Сегодняшний мир имеет ту политику, таких политиков, такую структуру управления, что в точности соответствует идеалам искусства, которое мир признает за таковое. Искусство — и так было на протяжении всей истории человечества — формирует идеалы, которые политика делает реальными. В конце концов, политика не более чем один из видов искусства, а Платон ставил ораторское мастерство даже еще ниже, называя его просто «сноровкой». Наивно думать, будто искусство следует за политикой. Общество культивирует свои искусства и сноровки одновременно, и если интеллектуалам и заказывают портрет политиков, то убедительный заказной портрет создают и политики — и выполняют его в точности по заветам интеллектуалов.
Перикл старался походить на скульптуры Фидия статью и решимостью, а не наоборот; Александр Великий брал в походы «Илиаду», воображая себя Ахиллесом; Сталин и Дзержинский осуществили на деле проекты Малевича и конструктивистов.
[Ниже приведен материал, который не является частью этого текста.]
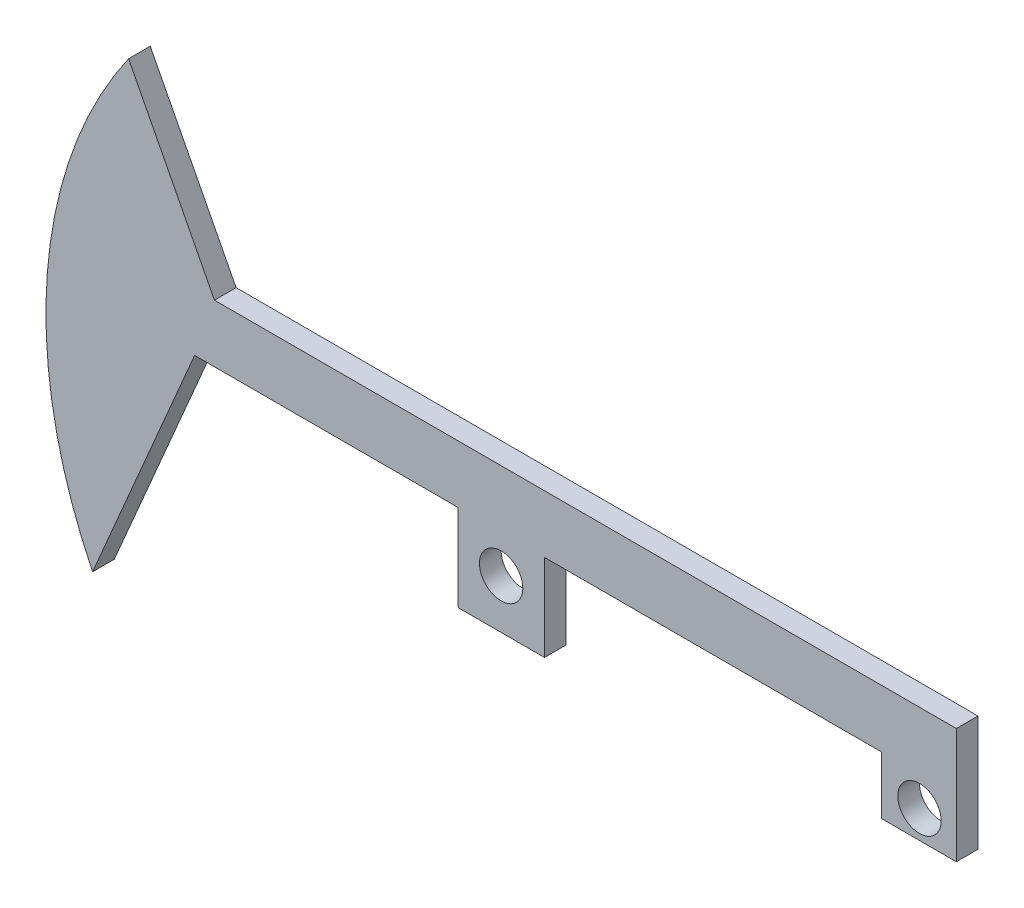
from build123d import *

# Parameters (mm, degrees)
BOSS_EXTRUDE1_DEPTH = 100
SKETCH2_R           = 100
CUT_EXTRUDE1_DEPTH  = 100


with BuildPart() as part:
    # Sketch1 → Boss-Extrude1 (new body)
    with BuildSketch(Plane.XY):
        with BuildLine():
            Line((-1718.674871456, 1206.713174795), (-1322.571209422, 440.16664507))
            Line((-1322.571209422, 440.16664507), (2100, 440.16664507))
            Line((2100, 440.16664507), (2100, 173.883799956))
            Line((2100, 173.883799956), (2100, -92.399045159))
            Line((2100, -92.399045159), (1753.894853504, -92.399045159))
            Line((1753.894853504, -92.399045159), (1753.894853504, 173.883799956))
            Line((1753.894853504, 173.883799956), (1098.892043301, 173.883799956))
            Line((1098.892043301, 173.883799956), (200, 173.883799956))
            Line((200, 173.883799956), (200, -226.116200044))
            Line((200, -226.116200044), (-200, -226.116200044))
            Line((-200, -226.116200044), (-200, 173.883799956))
            Line((-200, 173.883799956), (-1413.952786652, 173.883799956))
            Line((-1413.952786652, 173.883799956), (-1884.737570564, -926.155651122))
            ThreePointArc((-1884.737570564, -926.155651122), (-2093.663694094, 163.010232903), (-1718.674871456, 1206.713174795))
        make_face()
    extrude(amount=BOSS_EXTRUDE1_DEPTH)

    # Sketch2 → Cut-Extrude1 (cut)
    with BuildSketch(Plane.XY.offset(100)):
        with Locations((1930.037615803, 35.754280486)):
            Circle(SKETCH2_R)
        Circle(SKETCH2_R)
    extrude(amount=-CUT_EXTRUDE1_DEPTH, mode=Mode.SUBTRACT)


solid = part.part
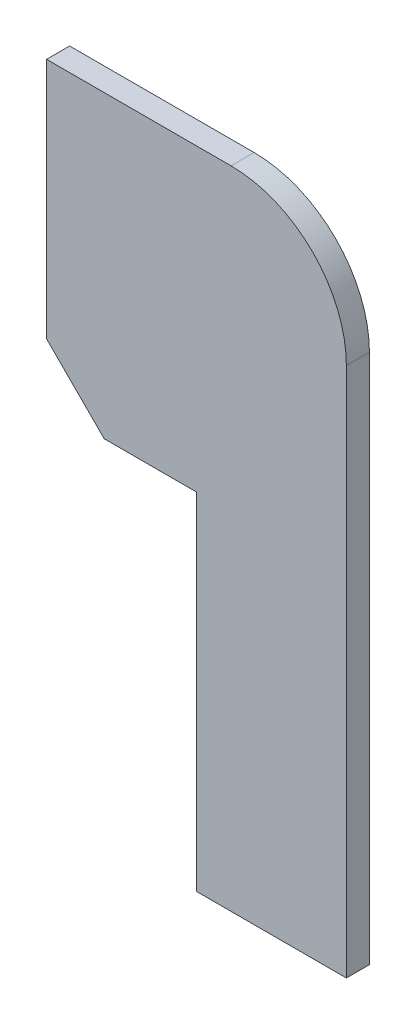
from build123d import *

# Parameters (mm, degrees)
BOSS_EXTRUDE1_DEPTH = 5


with BuildPart() as part:
    # Sketch1 → Boss-Extrude1 (new, symmetric)
    with BuildSketch(Plane.XY):
        with BuildLine():
            Line((0, 175), (0, 280))
            Line((0, 280), (80, 280))
            ThreePointArc((80, 280), (115.355339059, 265.355339059), (130, 230))
            Line((130, 230), (130, 0))
            Line((130, 0), (65, 0))
            Line((65, 0), (65, 150))
            Line((65, 150), (25, 150))
            Line((25, 150), (0, 175))
        make_face()
    extrude(amount=BOSS_EXTRUDE1_DEPTH, both=True)


solid = part.part

Вы хотели мир, расчерченный на квадраты? Извольте: вот, мы, политики, сделали все в точности, как вы просили. Политика — реализованный проект искусства.
Сегодняшний мир переживает торжество политики постмодернизма, то есть того типа мышления, который четверть века господствует в умах просвещенной интеллигенции. Мир (напуганный директивами двадцатого века) страстно захотел искусства без определенных критериев, философии деструкции, утверждения, которое не значит ничего конкретного. Мир захотел тотальной иронии, он захотел посмеяться над собой — и посмеялся. Правда, разница между политиками и интеллектуалами заключалась в том, что последние полагали иронию и рефлексию самоцелью; политики же знали, что подлинная цель совсем-совсем иная. Целью — совершенно внятной, явной и осознанной целью — была организация нового мирового порядка; для осуществления этой цели в первую очередь следовало использовать искусство — как самый подходящий инструмент для формирования сознания.
В сущности, то, что произошло в последнюю четверть века в искусстве, а затем и в политике, является операцией, сходной с банковской эмиссией. Чтобы понизить значение основных акций, следует дополнительно выпустить еще тысячи акций, и тогда они упадут в цене. Вторая книга «Илиады», содержащая список кораблей и полководцев, — лучшая иллюстрация подобной политики: когда собираешь в поход огромное количество мелких царей, мнением одного, кем бы он ни был, можно пренебречь — война все равно начнется. Так поступал Цезарь, расширяя сенат и глуша голоса своих противников хором славословий; так делал Сталин, вводя новых членов в политбюро, чтобы простым голосованием уничтожить Бухарина с Троцким. Так произошло сегодня с Европейским союзом, когда вновь избранные члены расширили понятие Европы до бессмысленных пределов — и утопили голоса Франции и Германии в хоре верноподданных славянских народов, рвущихся к так называемой буржуазной цивилизации.